Take it to the rant thread , this is for people who don't like to be told no.


----------



## Mr.Markus

SnowHampshire said:


> What is with all the constant moaning and groaning about new guys ruining plowing for everyone? One second its "Ohh thell be out of business in no time..." the next second its "Ohhh I'm quitting plowing, I can't make money because of the dudes that will be out of business in no time". I am new, I drive a half ton with a ****ty mm1  and I'm probably cheaper than guys that have been doing it a while. You know what's happened? Second year my route is significantly tighter, my customers are happy and word of mouth is helping me pick up people close to me. I don't have the luxury of charging what experienced guys charge because I would literally have 0 customers. I've lost out on most of my bids, like 90% of them. I only have a handful of customers but I bust my ass and I'm building my business for the long run. Am I cheap, ya probably. Is it the reason for all your pain and suffering? No. How bout you guys get creative and figure out a way to stay in business and make good money. I'm on this forum ALOT. ALOT of what I see is experienced guys talking trash about new guys that don't plow as well as them. NO ****. It's called being new. I've learned most of what I know from this site and youtube. I VERY much appreciate all the knowledge from you experienced guys as I'm sure most new guys do, but do the love of God quit *****ing about other people and deal with it. FREE MARKET ECONOMY. It's a frigging business. If you can't stay in the game that's your own problem but it's not everyone else is fault. Let the hate fest begin! Go ahead and light me up, I'm sure it'll be great reading. End rant...


----------



## SnowHampshire

Hydromaster said:


> Running a legitimate company that supports your family, cool, next.


That's the idea!


----------



## SnowHampshire

Kvston said:


> Uh, this is the place to vent man and bounce ideas off each other. Ever been to a bar? Guys complaining about their wives, that sort of thing.
> 
> It's good you have some piss and vinegar dude. It'll serve you well @SnowHampshire . Some free advice: don't piss off the hand that feeds you, unless they are starving you to death.
> 
> Ge good fellow noob.


Fair enough, I get it. All I'm saying is I read over and over experienced guys *****ing about new guys, cheap guys etc. God forbid I ***** about the the non noobs. Ah well, we can't all be salty I guess! Cheers!


----------



## RichardBongIII

SnowHampshire said:


> I think so, it's a piece of history man hahaha.


It works and you are doing your thing so it is cool.


----------



## rippinryno

I wish I could say I have a "route", but I just don't. Right now it looks like my route is at least 30 miles and probably closer to 40. My "route" consists of an ordered list by priority and needs, the rest is just me driving city streets and highways to get to the next one.

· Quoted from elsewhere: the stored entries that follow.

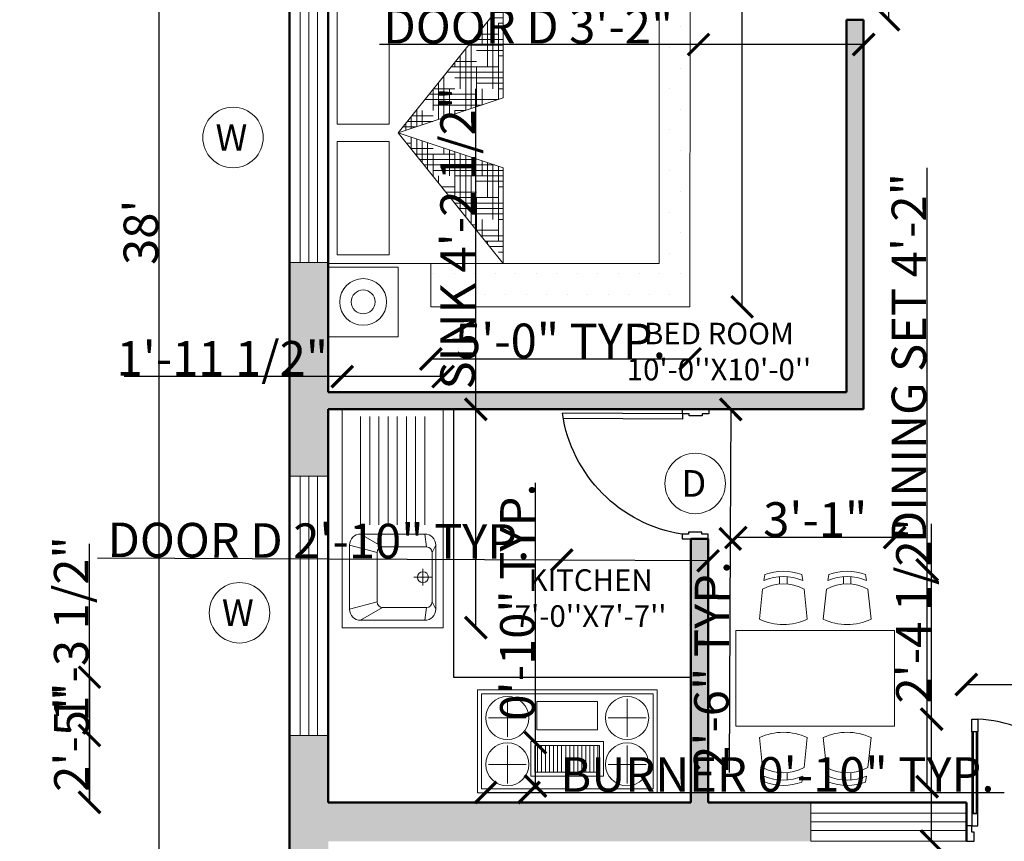
# Model space of a CAD drawing. Units: inches. Extents: x 1938 to 2373, y 1634 to 2225.
# Tile 2 of 5: x 1938 to 2166, y 1755 to 1945. Entities that reach past the tile are written whole.
import ezdxf

# ---------------------------------------------------------------- set-up
doc = ezdxf.new("R2010")
doc.units = ezdxf.units.IN
for name, color, linetype, lineweight in [('A-ANNO-DIMS', 2, 'Continuous', 18), ('A-ANNO-SYMB', 7, 'Continuous', 18), ('A-AREA-IDEN', 7, 'Continuous', 18), ('A-EQPM', 8, 'Continuous', 18), ('A-EQPM-PATT', 8, 'Continuous', 13), ('A-FLOR-FIXT', 9, 'Continuous', 18), ('A-FURN', 8, 'Continuous', 18), ('A-FURN-PATT', 7, 'Continuous', 13), ('A-WALL-PATT', 82, 'Continuous', 13), ('DOOR', 30, 'Continuous', 25), ('KITCHEN', 40, 'Continuous', 25), ('MAIN DOOR', 150, 'Continuous', 25), ('WALL', 7, 'Continuous', 50), ('WINDOW', 150, 'Continuous', 18)]:
    doc.layers.add(name, color=color, linetype=linetype, lineweight=lineweight)
doc.layers.add('A-Glaz', color=92, linetype='Continuous')
doc.styles.get("Standard").update_dxf_attribs({"font": 'arial.ttf'})
doc.dimstyles.get("Standard").update_dxf_attribs({"dimtxt": 8, "dimasz": 5, "dimexe": 0.18, "dimexo": 0.0625, "dimgap": 0.09, "dimtad": 1, "dimdec": 1, "dimzin": 0, "dimdsep": 46, "dimlunit": 4, "dimtxsty": 'Standard', "dimblk": 'ARCHTICK', "dimcen": 0.09, "dimse1": 1, "dimse2": 1, "dimadec": 0, "dimazin": 0, "dimtfac": 1, "dimtdec": 1, "dimtofl": 0, "dimtmove": 0, "dimatfit": 3, "dimfxl": 1, "dimtolj": 1, "dimtzin": 0, "dimarcsym": 0})

# ---------------------------------------------------------------- blocks, each defined once
blk = doc.blocks.new('A$C13CE0A17')
at = {"layer": 'A-Glaz'}
for p, q in [((0.01, 0.61), (0.01, 0.08)), ((0.03, 0.08), (0.03, 0.61))]:
    blk.add_line(p, q, dxfattribs=at)
blk.add_lwpolyline([(1.4, 0.08), (1.4, 0.61), (1.42, 0.61), (1.42, 0.08)], close=True, dxfattribs=at)
at = {"layer": 'MAIN DOOR'}
for p, q in [((0, 0.61), (0, 0.69)), ((0, 0.69), (0.04, 0.69)), ((0.04, 0.69), (0.04, 0.61)), ((0, 0.61), (0, 0.08)), ((0.04, 0.61), (0, 0.61)), ((0.04, 0.61), (0, 0.61)), ((0.03, 0.61), (0.01, 0.61)), ((0.04, 0.08), (0.04, 0.61)), ((0, 0.08), (0, 0)), ((0.04, 0.08), (0, 0.08)), ((0, 0.08), (0.04, 0.08)), ((0.01, 0.08), (0.03, 0.08)), ((0.04, 0), (0.04, 0.08)), ((-0.035, 0), (-0.035, -0.1)), ((0, 0), (-0.035, 0)), ((0, 0), (0.04, 0)), ((0, -0.04), (0, 0)), ((0.015, -0.04), (0, -0.04)), ((0.015, -0.05), (0.015, -0.04)), ((0.015, -0.1), (0.015, -0.05)), ((-0.035, -0.1), (0.015, -0.1))]:
    blk.add_line(p, q, dxfattribs=at)
for points in [[(1.39, 0.69), (1.39, 0.61), (1.43, 0.61), (1.43, 0.69)], [(1.39, 0.08), (1.39, 0.61), (1.43, 0.61), (1.43, 0.08)], [(1.39, 0), (1.39, 0.08), (1.43, 0.08), (1.43, 0)], [(1.43, 0), (1.465, 0), (1.465, -0.1), (1.415, -0.1), (1.415, -0.05), (1.415, -0.04), (1.43, -0.04)]]:
    blk.add_lwpolyline(points, close=True, dxfattribs=at)
blk.add_arc((1.3872, 0.017), 0.673, 89.76573, 181.44381, dxfattribs=at)
blk.add_ellipse((0.0389, 0.0511), major_axis=(0.6669, -0.1217), ratio=0.940794, start_param=0.11153, end_param=1.73917, dxfattribs=at)
blk = doc.blocks.new('table-23')
at = {"color": 0, "linetype": 'ByBlock'}
for p, q in [((-0.9, -1.4923), (-0.9, 0)), ((-0.9, 0), (0, 0)), ((0, -1.4923), (0, 0)), ((-1.3677, -0.2639), (-1.4237, -0.2726)), ((-1.0062, -0.2211), (-1.2862, -0.2511)), ((0.1062, -0.2211), (0.3862, -0.2511)), ((0.4677, -0.2639), (0.5237, -0.2726)), ((-1.4049, -0.4111), (-1.3347, -0.4111)), ((0.5049, -0.4111), (0.4347, -0.4111)), ((-1.4049, -0.4811), (-1.3347, -0.4811)), ((0.5049, -0.4811), (0.4347, -0.4811)), ((-1.3677, -0.6284), (-1.4237, -0.6197)), ((-1.0062, -0.6711), (-1.2862, -0.6411)), ((0.1062, -0.6711), (0.3862, -0.6411)), ((0.4677, -0.6284), (0.5237, -0.6197)), ((-1.0062, -0.8211), (-1.2862, -0.8511)), ((0.1062, -0.8211), (0.3862, -0.8511)), ((-1.3677, -0.8639), (-1.4237, -0.8726)), ((0.4677, -0.8639), (0.5237, -0.8726)), ((-1.4049, -1.0111), (-1.3347, -1.0111)), ((0.5049, -1.0111), (0.4347, -1.0111)), ((-1.4049, -1.0811), (-1.3347, -1.0811)), ((0.5049, -1.0811), (0.4347, -1.0811)), ((-1.3677, -1.2284), (-1.4237, -1.2197)), ((-1.0062, -1.2711), (-1.2862, -1.2411)), ((0.1062, -1.2711), (0.3862, -1.2411)), ((0.4677, -1.2284), (0.5237, -1.2197)), ((-0.9, -1.4923), (0, -1.4923))]:
    blk.add_line(p, q, dxfattribs=at)
for centre, radius, start, end in [((-0.9765, -0.4461), 0.4797, 158.78869, 201.21131), ((-0.9558, -0.4461), 0.4505, 156.13443, 203.86557), ((-0.931, -0.4461), 0.4053, 151.23721, 208.76279), ((-1.4875, -0.4461), 0.5312, 334.94238, 25.05762), ((0.5875, -0.4461), 0.5312, 154.94238, 205.05762), ((0.031, -0.4461), 0.4053, 331.23721, 28.76279), ((0.0558, -0.4461), 0.4505, 336.13443, 23.86557), ((0.0765, -0.4461), 0.4797, 338.78869, 21.21131), ((-1.4875, -1.0461), 0.5312, 334.94238, 25.05762), ((0.5875, -1.0461), 0.5312, 154.94238, 205.05762), ((-0.9765, -1.0461), 0.4797, 158.78869, 201.21131), ((-0.9558, -1.0461), 0.4505, 156.13443, 203.86557), ((-0.931, -1.0461), 0.4053, 151.23721, 208.76279), ((0.031, -1.0461), 0.4053, 331.23721, 28.76279), ((0.0558, -1.0461), 0.4505, 336.13443, 23.86557), ((0.0765, -1.0461), 0.4797, 338.78869, 21.21131)]:
    blk.add_arc(centre, radius, start, end, dxfattribs=at)
blk = doc.blocks.new('AP0B07')
for p, q in [((33.6, 96), (33.6, 978.8)), ((72, 96), (72, 972.3)), ((0, 96), (0, -96)), ((33.6, 96), (0, 96)), ((33.6, 48), (33.6, 96)), ((48, 48), (33.6, 48)), ((48, -48), (48, 48)), ((33.6, -96), (33.6, -48)), ((33.6, -48), (48, -48)), ((0, -96), (33.6, -96))]:
    blk.add_line(p, q)
blk.add_lwpolyline([(33.6, 96), (72, 96)])
blk.add_lwpolyline([(950, 96), (950, -96), (916.4, -96), (916.4, -48), (902, -48), (902, 48), (916.4, 48), (916.4, 96)], close=True)
blk.add_arc((-123.6, -61.2), 1051.8, 8.59637, 81.40363)
blk = doc.blocks.new('*X5')
at = {"color": 0}
for p, q in [((20.25, 14.8125), (20.2772, 14.8125)), ((20.1875, 14.75), (20.1875, 14.7669)), ((20.199, 14.7812), (20.2772, 14.7812)), ((20.1487, 14.7188), (20.2772, 14.7188)), ((20.1562, 14.625), (20.1562, 14.7281)), ((20.1739, 14.75), (20.2772, 14.75)), ((20.25, 14.3194), (20.25, 14.75)), ((20.0938, 14.375), (20.0938, 14.6504)), ((20.0984, 14.6562), (20.125, 14.6562)), ((20.1236, 14.6875), (20.25, 14.6875)), ((20.125, 14.5), (20.125, 14.6893)), ((20.0625, 14.2573), (20.0625, 14.6116)), ((20.125, 14.5938), (20.2772, 14.5938)), ((20.2188, 14.3091), (20.2188, 14.625)), ((20.25, 14.625), (20.2772, 14.625)), ((19.9979, 14.5312), (20.2772, 14.5312)), ((20.023, 14.5625), (20.2772, 14.5625)), ((20.0312, 14.2469), (20.0312, 14.5727)), ((19.9727, 14.5), (20.25, 14.5)), ((20, 14.2366), (20, 14.5)), ((20.1875, 14.2987), (20.1875, 14.5)), ((19.9062, 14.375), (19.9062, 14.4174)), ((19.9225, 14.4375), (20, 14.4375)), ((19.9476, 14.4688), (20.125, 14.4688)), ((20.25, 14.4375), (20.2772, 14.4375)), ((19.875, 14.25), (19.875, 14.3785)), ((19.9688, 14.2262), (19.9688, 14.375)), ((20, 14.375), (20.2772, 14.375)), ((20.125, 14.4062), (20.2772, 14.4062)), ((20.1562, 14.2884), (20.1562, 14.375)), ((19.8125, 14.1744), (19.8125, 14.3008)), ((19.8219, 14.3125), (20.2291, 14.3125)), ((19.8438, 14.1848), (19.8438, 14.3397)), ((19.875, 14.3438), (20.2772, 14.3438)), ((19.7716, 14.25), (20, 14.25)), ((19.7812, 14.1641), (19.7812, 14.262)), ((19.7967, 14.2812), (20.125, 14.2812)), ((19.9375, 14.2159), (19.9375, 14.25)), ((19.7213, 14.1875), (19.75, 14.1875)), ((19.7465, 14.2188), (19.875, 14.2188)), ((19.75, 14.1537), (19.75, 14.2231)), ((19.7018, 14.0938), (19.7786, 14.0938)), ((19.7188, 14.0726), (19.7188, 14.1136)), ((19.75, 14.0338), (19.75, 14.1032)), ((19.7812, 13.9949), (19.7812, 14.0929)), ((19.8125, 14), (19.8125, 14.0825)), ((19.7269, 14.0625), (19.8728, 14.0625)), ((19.752, 14.0312), (19.875, 14.0312)), ((19.9062, 13.8396), (19.9062, 14.0514)), ((19.9375, 13.8007), (19.9375, 14.0411)), ((19.9688, 13.875), (19.9688, 14.0307)), ((20, 14), (20, 14.0204)), ((19.875, 13.8784), (19.875, 14)), ((19.875, 13.9688), (20.1557, 13.9688)), ((20, 14), (20.0614, 14)), ((20.0625, 13.6454), (20.0625, 13.9996)), ((20.0938, 13.625), (20.0938, 13.9893)), ((20.125, 13.75), (20.125, 13.9789)), ((20.1562, 13.875), (20.1562, 13.9686)), ((19.8275, 13.9375), (20.25, 13.9375)), ((19.8526, 13.9062), (20.125, 13.9062)), ((20.25, 13.5), (20.25, 13.9375)), ((19.8777, 13.875), (20, 13.875)), ((20.0312, 13.6842), (20.0312, 13.875)), ((20.2188, 13.4511), (20.2188, 13.875)), ((20.25, 13.875), (20.2772, 13.875)), ((20, 13.8125), (20.2772, 13.8125)), ((20.125, 13.8438), (20.2772, 13.8438)), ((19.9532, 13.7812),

You will always see the snow guys, lawn guys, etc complaining about the new guy doing it for cheaper. It's just how it goes. And there will always be the new guy doing it for cheaper. The big companies that cover huge commercial lots should not be affected if they do what's best for their customer. 

Sometimes I think operators and owners feel like they own the customer. Truth is, sometimes the customers make decisions and changes to their service providers. Sometimes they are dumb decisions, sometimes they aren't. If a company is pinching pennies and can save thousands of dollars by using a cheaper company that offers the same quality of service. Wait, did I just explain how our free market works?


----------



## JJ's GMP

SnowHampshire said:


> What is with all the constant moaning and groaning about new guys ruining plowing for everyone? One second its "Ohh thell be out of business in no time..." the next second its "Ohhh I'm quitting plowing, I can't make money because of the dudes that will be out of business in no time". I am new, I drive a half ton with a ****ty mm1  and I'm probably cheaper than guys that have been doing it a while. You know what's happened? Second year my route is significantly tighter, my customers are happy and word of mouth is helping me pick up people close to me. I don't have the luxury of charging what experienced guys charge because I would literally have 0 customers. I've lost out on most of my bids, like 90% of them. I only have a handful of customers but I bust my ass and I'm building my business for the long run. Am I cheap, ya probably. Is it the reason for all your pain and suffering? No. How bout you guys get creative and figure out a way to stay in business and make good money. I'm on this forum ALOT. ALOT of what I see is experienced guys talking trash about new guys that don't plow as well as them. NO ****. It's called being new. I've learned most of what I know from this site and youtube. I VERY much appreciate all the knowledge from you experienced guys as I'm sure most new guys do, but do the love of God quit *****ing about other people and deal with it. FREE MARKET ECONOMY. It's a frigging business. If you can't stay in the game that's your own problem but it's not everyone else is fault. Let the hate fest begin! Go ahead and light me up, I'm sure it'll be great reading. End rant...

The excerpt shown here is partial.